Most of what you’ve been told about knives is wrong.
You don’t need expensive knives or professional training. You need one decent knife, the right grip, and a handful of techniques that make every meal faster, safer, and more enjoyable. These are the only ones worth learning first.

The One Knife You Actually Need
Most home cooks own too many knives and rely on one. That one should be a chef’s knife — 20cm (8 inch) — which handles about 90% of everything you’ll ever need to cut. More important than brand or price is that it feels balanced and comfortable in your hand, and that it’s sharp.

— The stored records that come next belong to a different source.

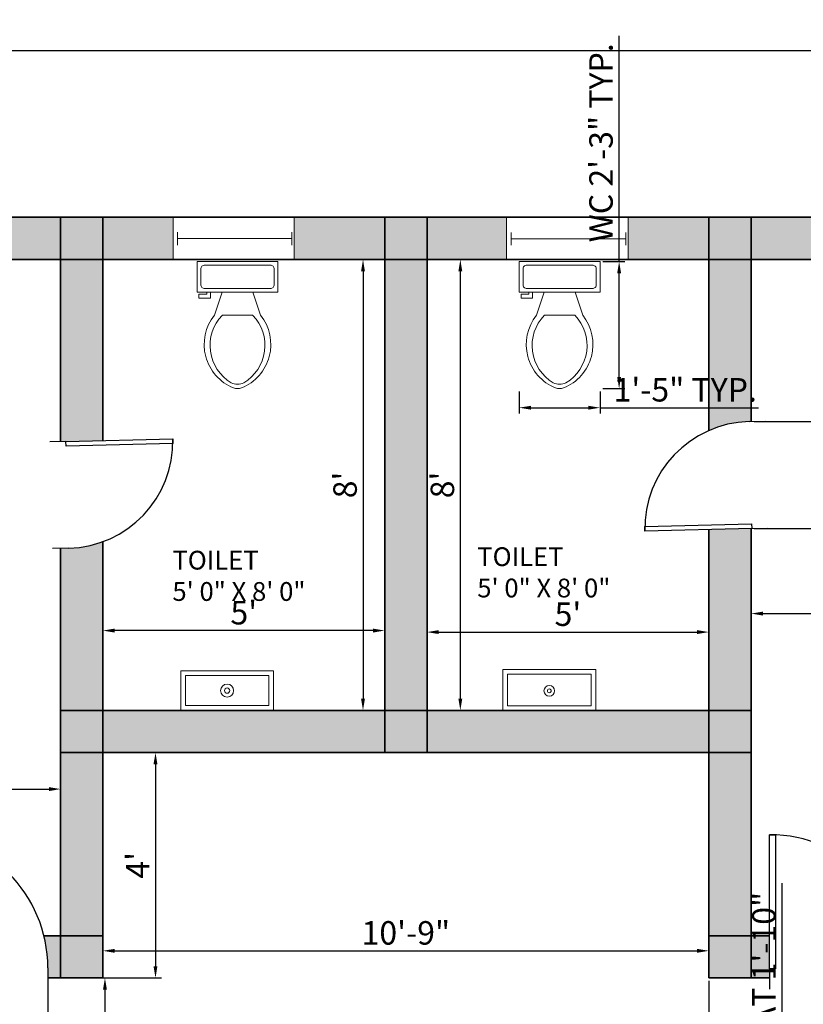
# Model space of a CAD drawing. Units: millimetres. Extents: x 2768 to 4359, y 795 to 1583.
# Tile 11 of 13: x 3764 to 3930, y 1373 to 1583. Entities that reach past the tile are written whole.
import ezdxf

# ---------------------------------------------------------------- set-up
doc = ezdxf.new("R2010")
doc.units = ezdxf.units.MM
for name, color, linetype, lineweight in [('A-ANNO-DIMS', 90, 'Continuous', 18), ('A-AREA-IDEN', 190, 'Continuous', 18), ('A-FLOR-FIXT', 50, 'Continuous', 18), ('A-WALL-PATT', 140, 'Continuous', 9), ('doors', 10, 'Continuous', 25), ('walls', 140, 'Continuous', 35), ('windows', 30, 'Continuous', 18)]:
    doc.layers.add(name, color=color, linetype=linetype, lineweight=lineweight)
doc.styles.get("Standard").update_dxf_attribs({"font": 'arial.ttf'})
doc.dimstyles.new('ISO-25', dxfattribs={"dimtxt": 5, "dimasz": 2.5, "dimexe": 1.25, "dimexo": 0.625, "dimtad": 1, "dimdec": 0, "dimlunit": 3, "dimtxsty": 'Standard', "dimcen": 2.5, "dimadec": 0, "dimazin": 0, "dimtfac": 1, "dimtdec": 0, "dimtmove": 0, "dimatfit": 3, "dimfxl": 1, "dimarcsym": 0})

# ---------------------------------------------------------------- blocks, each defined once
blk = doc.blocks.new('*U2')
for p, q in [((0, 0), (0, -6)), ((40, 0), (40, -6))]:
    blk.add_line(p, q)
blk.add_lwpolyline([(0, 0), (0, 40), (1.75, 40), (1.75, 0)], close=True)
blk.add_arc((0, 0), 40, 0, 90)
blk = doc.blocks.new('*U38')
for p, q in [((0, 4), (0, 0)), ((36, 4), (36, 0)), ((0, 2), (36, 2))]:
    blk.add_line(p, q)
blk = doc.blocks.new('Toilet - top')
for p, q in [((9.5, -6), (9.5, -2)), ((-10, -8.5), (-8, -8.5)), ((-10, -9.5), (-10, -8.5)), ((-7, -9.5), (-10, -9.5)), ((-8, -8.5), (-8, -8)), ((-7, -8), (-7, -9.5)), ((-4, -8), (-6, -14)), ((4, -8), (6, -14)), ((4, -14), (-4, -14))]:
    blk.add_line(p, q)
blk.add_lwpolyline([(10.5, -8), (10.5, 0), (-10.5, 0), (-10.5, -8)], close=True)
for points in [[(-9.5, -2), (-9.5, -6)], [(8.5, -1), (-8.5, -1)], [(-8.5, -7), (8.5, -7)]]:
    blk.add_lwpolyline(points)
for centre, radius, start, end in [((-8.62, -1.88), 0.884, 81.8699, 188.1301), ((8.62, -1.88), 0.884, 351.8699, 98.1301), ((-8.62, -6.12), 0.884, 171.8699, 278.1301), ((8.62, -6.12), 0.884, 261.8699, 8.1301), ((3.52, -21.58), 12.17, 141.4691, 247.9714), ((4.2, -21.82), 11.33, 136.3677, 238.9468), ((-3.52, -21.58), 12.17, 292.0284, 38.5307), ((-4.2, -21.82), 11.33, 301.053, 43.6321), ((0, -27.88), 4, 245.7318, 294.2682), ((0, -29), 4, 254.8605, 285.1395)]:
    blk.add_arc(centre, radius, start, end)
blk = doc.blocks.new('*D40')
at = {"layer": 'A-ANNO-DIMS', "color": 0, "lineweight": -2, "transparency": 16777216}
for p, q in [((3772.37, 1419.67), (3772.37, 1420.29)), ((3628.37, 1418.42), (3628.37, 1417.79)), ((3630.87, 1419.04), (3769.87, 1419.04))]:
    blk.add_line(p, q, dxfattribs=at)
at = {"layer": 'A-ANNO-DIMS', "color": 0, "transparency": 16777216}
for points in [[(3630.87, 1419.46), (3630.87, 1418.62), (3628.37, 1419.04)], [(3769.87, 1419.46), (3769.87, 1418.62), (3772.37, 1419.04)]]:
    blk.add_solid(points, dxfattribs=at)
at = {"layer": 'Defpoints', "color": 0, "transparency": 16777216}
for p in [(3628.37, 1419.04), (3772.37, 1419.04), (3772.37, 1419.04)]:
    blk.add_point(p, dxfattribs=at)
at = {"layer": 'A-ANNO-DIMS', "color": 0, "transparency": 16777216, "insert": (3700.37, 1422.18), "char_height": 5, "attachment_point": 5}
blk.add_mtext("12'", dxfattribs=at)
blk = doc.blocks.new('*D42')
at = {"layer": 'A-ANNO-DIMS', "color": 0, "lineweight": -2, "transparency": 16777216}
for p, q in [((3835.72, 1531.81), (3838, 1531.81)), ((3836.75, 1529.31), (3836.75, 1438.31)), ((3835.72, 1435.81), (3838, 1435.81))]:
    blk.add_line(p, q, dxfattribs=at)
at = {"layer": 'A-ANNO-DIMS', "color": 0, "transparency": 16777216}
for points in [[(3836.33, 1529.31), (3837.16, 1529.31), (3836.75, 1531.81)], [(3836.33, 1438.31), (3837.16, 1438.31), (3836.75, 1435.81)]]:
    blk.add_solid(points, dxfattribs=at)
at = {"layer": 'Defpoints', "color": 0, "transparency": 16777216}
for p in [(3835.1, 1531.81), (3835.1, 1435.81), (3836.75, 1435.81)]:
    blk.add_point(p, dxfattribs=at)
at = {"layer": 'A-ANNO-DIMS', "color": 0, "transparency": 16777216, "insert": (3833.57, 1483.81), "char_height": 5, "attachment_point": 5, "rotation": 90}
blk.add_mtext("8'", dxfattribs=at)
blk = doc.blocks.new('*D43')
at = {"layer": 'A-ANNO-DIMS', "color": 0, "lineweight": -2, "transparency": 16777216}
for p, q in [((3781.37, 1452.88), (3781.37, 1454.05)), ((3841.37, 1452.88), (3841.37, 1454.05)), ((3838.87, 1452.8), (3783.87, 1452.8))]:
    blk.add_line(p, q, dxfattribs=at)
at = {"layer": 'A-ANNO-DIMS', "color": 0, "transparency": 16777216}
for points in [[(3783.87, 1453.21), (3783.87, 1452.38), (3781.37, 1452.8)], [(3838.87, 1453.21), (3838.87, 1452.38), (3841.37, 1452.8)]]:
    blk.add_solid(points, dxfattribs=at)
at = {"layer": 'Defpoints', "color": 0, "transparency": 16777216}
for p in [(3781.37, 1452.8), (3781.37, 1452.26), (3841.37, 1452.26)]:
    blk.add_point(p, dxfattribs=at)
at = {"layer": 'A-ANNO-DIMS', "color": 0, "transparency": 16777216, "insert": (3811.37, 1455.96), "char_height": 5, "attachment_point": 5}
blk.add_mtext("5'", dxfattribs=at)
blk = doc.blocks.new('*D44')
at = {"layer": 'A-ANNO-DIMS', "color": 0, "lineweight": -2, "transparency": 16777216}
for p, q in [((3850.37, 1452.17), (3850.37, 1451.22)), ((3852.87, 1452.47), (3907.87, 1452.47)), ((3910.37, 1452.17), (3910.37, 1451.22))]:
    blk.add_line(p, q, dxfattribs=at)
at = {"layer": 'A-ANNO-DIMS', "color": 0, "transparency": 16777216}
for points in [[(3852.87, 1452.89), (3852.87, 1452.06), (3850.37, 1452.47)], [(3907.87, 1452.89), (3907.87, 1452.06), (3910.37, 1452.47)]]:
    blk.add_solid(points, dxfattribs=at)
at = {"layer": 'Defpoints', "color": 0, "transparency": 16777216}
for p in [(3850.37, 1452.8), (3910.37, 1452.8), (3910.37, 1452.47)]:
    blk.add_point(p, dxfattribs=at)
at = {"layer": 'A-ANNO-DIMS', "color": 0, "transparency": 16777216, "insert": (3880.37, 1455.64), "char_height": 5, "attachment_point": 5}
blk.add_mtext("5'", dxfattribs=at)
blk = doc.blocks.new('*D45')
at = {"layer": 'A-ANNO-DIMS', "color": 0, "lineweight": -2, "transparency": 16777216}
for p, q in [((3857.42, 1531.81), (3858.72, 1531.81)), ((3857.47, 1438.31), (3857.47, 1529.31)), ((3857.42, 1435.81), (3858.72, 1435.81))]:
    blk.add_line(p, q, dxfattribs=at)
at = {"layer": 'A-ANNO-DIMS', "color": 0, "transparency": 16777216}
for points in [[(3857.05, 1529.31), (3857.88, 1529.31), (3857.47, 1531.81)], [(3857.05, 1438.31), (3857.88, 1438.31), (3857.47, 1435.81)]]:
    blk.add_solid(points, dxfattribs=at)
at = {"layer": 'Defpoints', "color": 0, "transparency": 16777216}
for p in [(3856.8, 1531.81), (3857.47, 1531.81), (3856.8, 1435.81)]:
    blk.add_point(p, dxfattribs=at)
at = {"layer": 'A-ANNO-DIMS', "color": 0, "transparency": 16777216, "insert": (3854.29, 1483.81), "char_height": 5, "attachment_point": 5, "rotation": 90}
blk.add_mtext("8'", dxfattribs=at)
blk = doc.blocks.new('*D46')
at = {"layer": 'A-ANNO-DIMS', "color": 0, "lineweight": -2, "transparency": 16777216}
for p, q in [((3919.37, 1457.04), (3919.37, 1457.66)), ((4063.37, 1457.04), (4063.37, 1457.66)), ((3921.87, 1456.41), (4060.87, 1456.41))]:
    blk.add_line(p, q, dxfattribs=at)
at = {"layer": 'A-ANNO-DIMS', "color": 0, "transparency": 16777216}
for points in [[(3921.87, 1456.83), (3921.87, 1456), (3919.37, 1456.41)], [(4060.87, 1456.83), (4060.87, 1456), (4063.37, 1456.41)]]:
    blk.add_solid(points, dxfattribs=at)
at = {"layer": 'Defpoints', "color": 0, "transparency": 16777216}
for p in [(3919.37, 1456.41), (4063.37, 1456.41), (4063.37, 1456.41)]:
    blk.add_point(p, dxfattribs=at)
at = {"layer": 'A-ANNO-DIMS', "color": 0, "transparency": 16777216, "insert": (3991.37, 1459.55), "char_height": 5, "attachment_point": 5}
blk.add_mtext("12'", dxfattribs=at)
blk = doc.blocks.new('*D59')
at = {"layer": 'A-ANNO-DIMS', "color": 0, "lineweight": -2, "transparency": 16777216}
for p, q in [((3781.37, 1382.2), (3781.37, 1385.85)), ((3783.87, 1384.6), (3907.87, 1384.6)), ((3910.37, 1382.2), (3910.37, 1385.85))]:
    blk.add_line(p, q, dxfattribs=at)
at = {"layer": 'A-ANNO-DIMS', "color": 0, "transparency": 16777216}
for points in [[(3783.87, 1385.01), (3783.87, 1384.18), (3781.37, 1384.6)], [(3907.87, 1385.01), (3907.87, 1384.18), (3910.37, 1384.6)]]:
    blk.add_solid(points, dxfattribs=at)
at = {"layer": 'Defpoints', "color": 0, "transparency": 16777216}
for p in [(3910.37, 1384.6), (3781.37, 1381.58), (3910.37, 1381.58)]:
    blk.add_point(p, dxfattribs=at)
at = {"layer": 'A-ANNO-DIMS', "color": 0, "transparency": 16777216, "insert": (3845.87, 1387.77), "char_height": 5, "attachment_point": 5}
blk.add_mtext('10\'-9"', dxfattribs=at)
blk = doc.blocks.new('*D60')
at = {"layer": 'A-ANNO-DIMS', "color": 0, "lineweight": -2, "transparency": 16777216}
for p, q in [((3781.99, 1426.81), (3793.82, 1426.81)), ((3792.57, 1424.31), (3792.57, 1381.31)), ((3781.99, 1378.81), (3793.82, 1378.81))]:
    blk.add_line(p, q, dxfattribs=at)
at = {"layer": 'A-ANNO-DIMS', "color": 0, "transparency": 16777216}
for points in [[(3792.15, 1424.31), (3792.98, 1424.31), (3792.57, 1426.81)], [(3792.15, 1381.31), (3792.98, 1381.31), (3792.57, 1378.81)]]:
    blk.add_solid(points, dxfattribs=at)
at = {"layer": 'Defpoints', "color": 0, "transparency": 16777216}
for p in [(3781.37, 1426.81), (3781.37, 1378.81), (3792.57, 1378.81)]:
    blk.add_point(p, dxfattribs=at)
at = {"layer": 'A-ANNO-DIMS', "color": 0, "transparency": 16777216, "insert": (3789.44, 1402.81), "char_height": 5, "attachment_point": 5, "rotation": 90}
blk.add_mtext("4'", dxfattribs=at)
blk = doc.blocks.new('*D63')
at = {"layer": 'A-ANNO-DIMS', "color": 0, "lineweight": -2, "transparency": 16777216}
for p, q in [((3910.37, 1378.18), (3910.37, 1364.91)), ((3988.37, 1378.18), (3988.37, 1364.91)), ((3912.87, 1366.16), (3985.87, 1366.16))]:
    blk.add_line(p, q, dxfattribs=at)
at = {"layer": 'A-ANNO-DIMS', "color": 0, "transparency": 16777216}
for points in [[(3912.87, 1366.57), (3912.87, 1365.74), (3910.37, 1366.16)], [(3985.87, 1366.57), (3985.87, 1365.74), (3988.37, 1366.16)]]:
    blk.add_solid(points, dxfattribs=at)
at = {"layer": 'Defpoints', "color": 0, "transparency": 16777216}
for p in [(3910.37, 1378.81), (3988.37, 1378.81), (3988.37, 1366.16)]:
    blk.add_point(p, dxfattribs=at)
at = {"layer": 'A-ANNO-DIMS', "color": 0, "transparency": 16777216, "insert": (3949.37, 1369.33), "char_height": 5, "attachment_point": 5}
blk.add_mtext('6\'-6"', dxfattribs=at)
blk = doc.blocks.new('*D65')
at = {"layer": 'A-ANNO-DIMS', "color": 0, "lineweight": -2, "transparency": 16777216}
for p, q in [((3776.14, 1378.81), (3783.06, 1378.81)), ((3781.81, 1376.31), (3781.81, 1224.31)), ((3776.14, 1221.81), (3783.06, 1221.81))]:
    blk.add_line(p, q, dxfattribs=at)
at = {"layer": 'A-ANNO-DIMS', "color": 0, "transparency": 16777216}
for points in [[(3781.39, 1376.31), (3782.23, 1376.31), (3781.81, 1378.81)], [(3781.39, 1224.31), (3782.23, 1224.31), (3781.81, 1221.81)]]:
    blk.add_solid(points, dxfattribs=at)
at = {"layer": 'Defpoints', "color": 0, "transparency": 16777216}
for p in [(3775.51, 1378.81), (3775.51, 1221.81), (3781.81, 1221.81)]:
    blk.add_point(p, dxfattribs=at)
at = {"layer": 'A-ANNO-DIMS', "color": 0, "transparency": 16777216, "insert": (3778.63, 1300.31), "char_height": 5, "attachment_point": 5, "rotation": 90}
blk.add_mtext('13\'-1"', dxfattribs=at)
blk = doc.blocks.new('*D81')
at = {"layer": 'A-ANNO-DIMS', "color": 0, "lineweight": -2, "transparency": 16777216}
for p, q in [((3891.27, 1531.41), (3891.27, 1579.42)), ((3887.83, 1531.41), (3892.52, 1531.41)), ((3891.27, 1506.82), (3891.27, 1528.91)), ((3887.83, 1504.32), (3892.52, 1504.32))]:
    blk.add_line(p, q, dxfattribs=at)
at = {"layer": 'A-ANNO-DIMS', "color": 0, "transparency": 16777216}
for points in [[(3890.86, 1528.91), (3891.69, 1528.91), (3891.27, 1531.41)], [(3890.86, 1506.82), (3891.69, 1506.82), (3891.27, 1504.32)]]:
    blk.add_solid(points, dxfattribs=at)
at = {"layer": 'Defpoints', "color": 0, "transparency": 16777216}
for p in [(3887.21, 1531.41), (3891.27, 1531.41), (3887.21, 1504.32)]:
    blk.add_point(p, dxfattribs=at)
at = {"layer": 'A-ANNO-DIMS', "color": 0, "transparency": 16777216, "insert": (3888.06, 1556.67), "char_height": 5, "attachment_point": 5, "rotation": 90}
blk.add_mtext('WC 2\'-3" TYP.', dxfattribs=at)
blk = doc.blocks.new('*D82')
at = {"layer": 'A-ANNO-DIMS', "color": 0, "lineweight": -2, "transparency": 16777216}
for p, q in [((3869.99, 1503.7), (3869.99, 1499.01)), ((3887.21, 1503.7), (3887.21, 1499.01)), ((3872.49, 1500.26), (3884.71, 1500.26)), ((3887.21, 1500.26), (3920.97, 1500.26))]:
    blk.add_line(p, q, dxfattribs=at)
at = {"layer": 'A-ANNO-DIMS', "color": 0, "transparency": 16777216}
for points in [[(3872.49, 1500.67), (3872.49, 1499.84), (3869.99, 1500.26)], [(3884.71, 1500.67), (3884.71, 1499.84), (3887.21, 1500.26)]]:
    blk.add_solid(points, dxfattribs=at)
at = {"layer": 'Defpoints', "color": 0, "transparency": 16777216}
for p in [(3869.99, 1504.32), (3887.21, 1504.32), (3887.21, 1500.26)]:
    blk.add_point(p, dxfattribs=at)
at = {"layer": 'A-ANNO-DIMS', "color": 0, "transparency": 16777216, "insert": (3905.34, 1503.43), "char_height": 5, "attachment_point": 5}
blk.add_mtext('1\'-5" TYP.', dxfattribs=at)
blk = doc.blocks.new('*D111')
at = {"layer": 'A-ANNO-DIMS', "color": 0, "lineweight": -2, "transparency": 16777216}
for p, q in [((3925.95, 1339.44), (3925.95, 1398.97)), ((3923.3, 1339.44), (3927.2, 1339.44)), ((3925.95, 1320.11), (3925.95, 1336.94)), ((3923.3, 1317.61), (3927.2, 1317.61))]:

Sharp matters more than expensive. A cheap knife that’s been properly maintained will outperform a dull expensive one every time. A honing steel used for a few strokes before each cook keeps the edge aligned day to day, and a sharpening stone every few months brings it back when honing stops making a difference.
How to Hold a Knife
The instinct is to grip the handle like a hammer — all four fingers wrapped around it. That grip feels secure, but it actually gives you less control than you’d think, and it tires your hand out quickly.
The better option is called the pinch grip, and it’s how professional cooks hold a knife. Place your thumb and the side of your index finger directly on the blade — right where the blade meets the handle — and let your remaining three fingers wrap naturally around the handle. It feels odd for the first few minutes. That feeling passes, and once it does, you won’t want to hold a knife any other way.
The Claw Grip (How Not to Cut Yourself)
Your non-knife hand matters just as much. Curl your fingertips under so your knuckles are the furthest point forward, then let the flat side of the blade rest lightly against your knuckles as you cut. Your fingertips stay tucked safely out of the way, and your knuckles act as a guide rail for the blade.
This is called the claw grip. It’s the single most useful habit you can build in the kitchen — once it becomes automatic, your cutting gets faster and the risk of accidents drops significantly. It feels awkward for a week or so, then it just clicks.
Three Cuts Worth Knowing
The rock chop keeps the tip of the knife on the board while you rock the heel down and forward through the ingredient. It has a natural rhythm once you get going, and it’s ideal for herbs, garlic, and anything that needs a rough chop.
The push cut starts with the heel of the blade touching the ingredient and pushes forward and down in one smooth stroke. Use this for vegetables and meat when you want clean, even slices.
The pull cut draws the blade toward you rather than pushing forward. It’s gentler — better for soft ingredients like tomatoes or fish that would crush or tear under the pressure of a forward cut.
How to Dice an Onion
This is the technique most home cooks wish they’d learned earlier. Once it clicks, you’ll wonder what you were doing before.
- Cut off the top, leave the root intact — it holds the onion together while you work
- Halve through the root so you have two flat pieces
- Peel both halves
- Make horizontal cuts toward the root, stopping short of cutting through it
- Make vertical cuts down through the layers
- Slice across — uniform dice falls away cleanly
The root stays attached right up until the final cuts, which keeps the whole thing stable. That’s the technique, not the knife, that makes it quick.
Keep Your Knife Sharp
A dull knife is more dangerous than a sharp one. It needs more force to get through food, which means more chance of slipping. Five strokes per side on a honing steel before each cook takes about ten seconds and keeps the edge performing. When honing stops making a difference, it’s time to sharpen.
Good knife skills are built through repetition, not reading about them. Cook regularly for a few weeks and the grips and cuts become second nature — you stop thinking about them and just do them.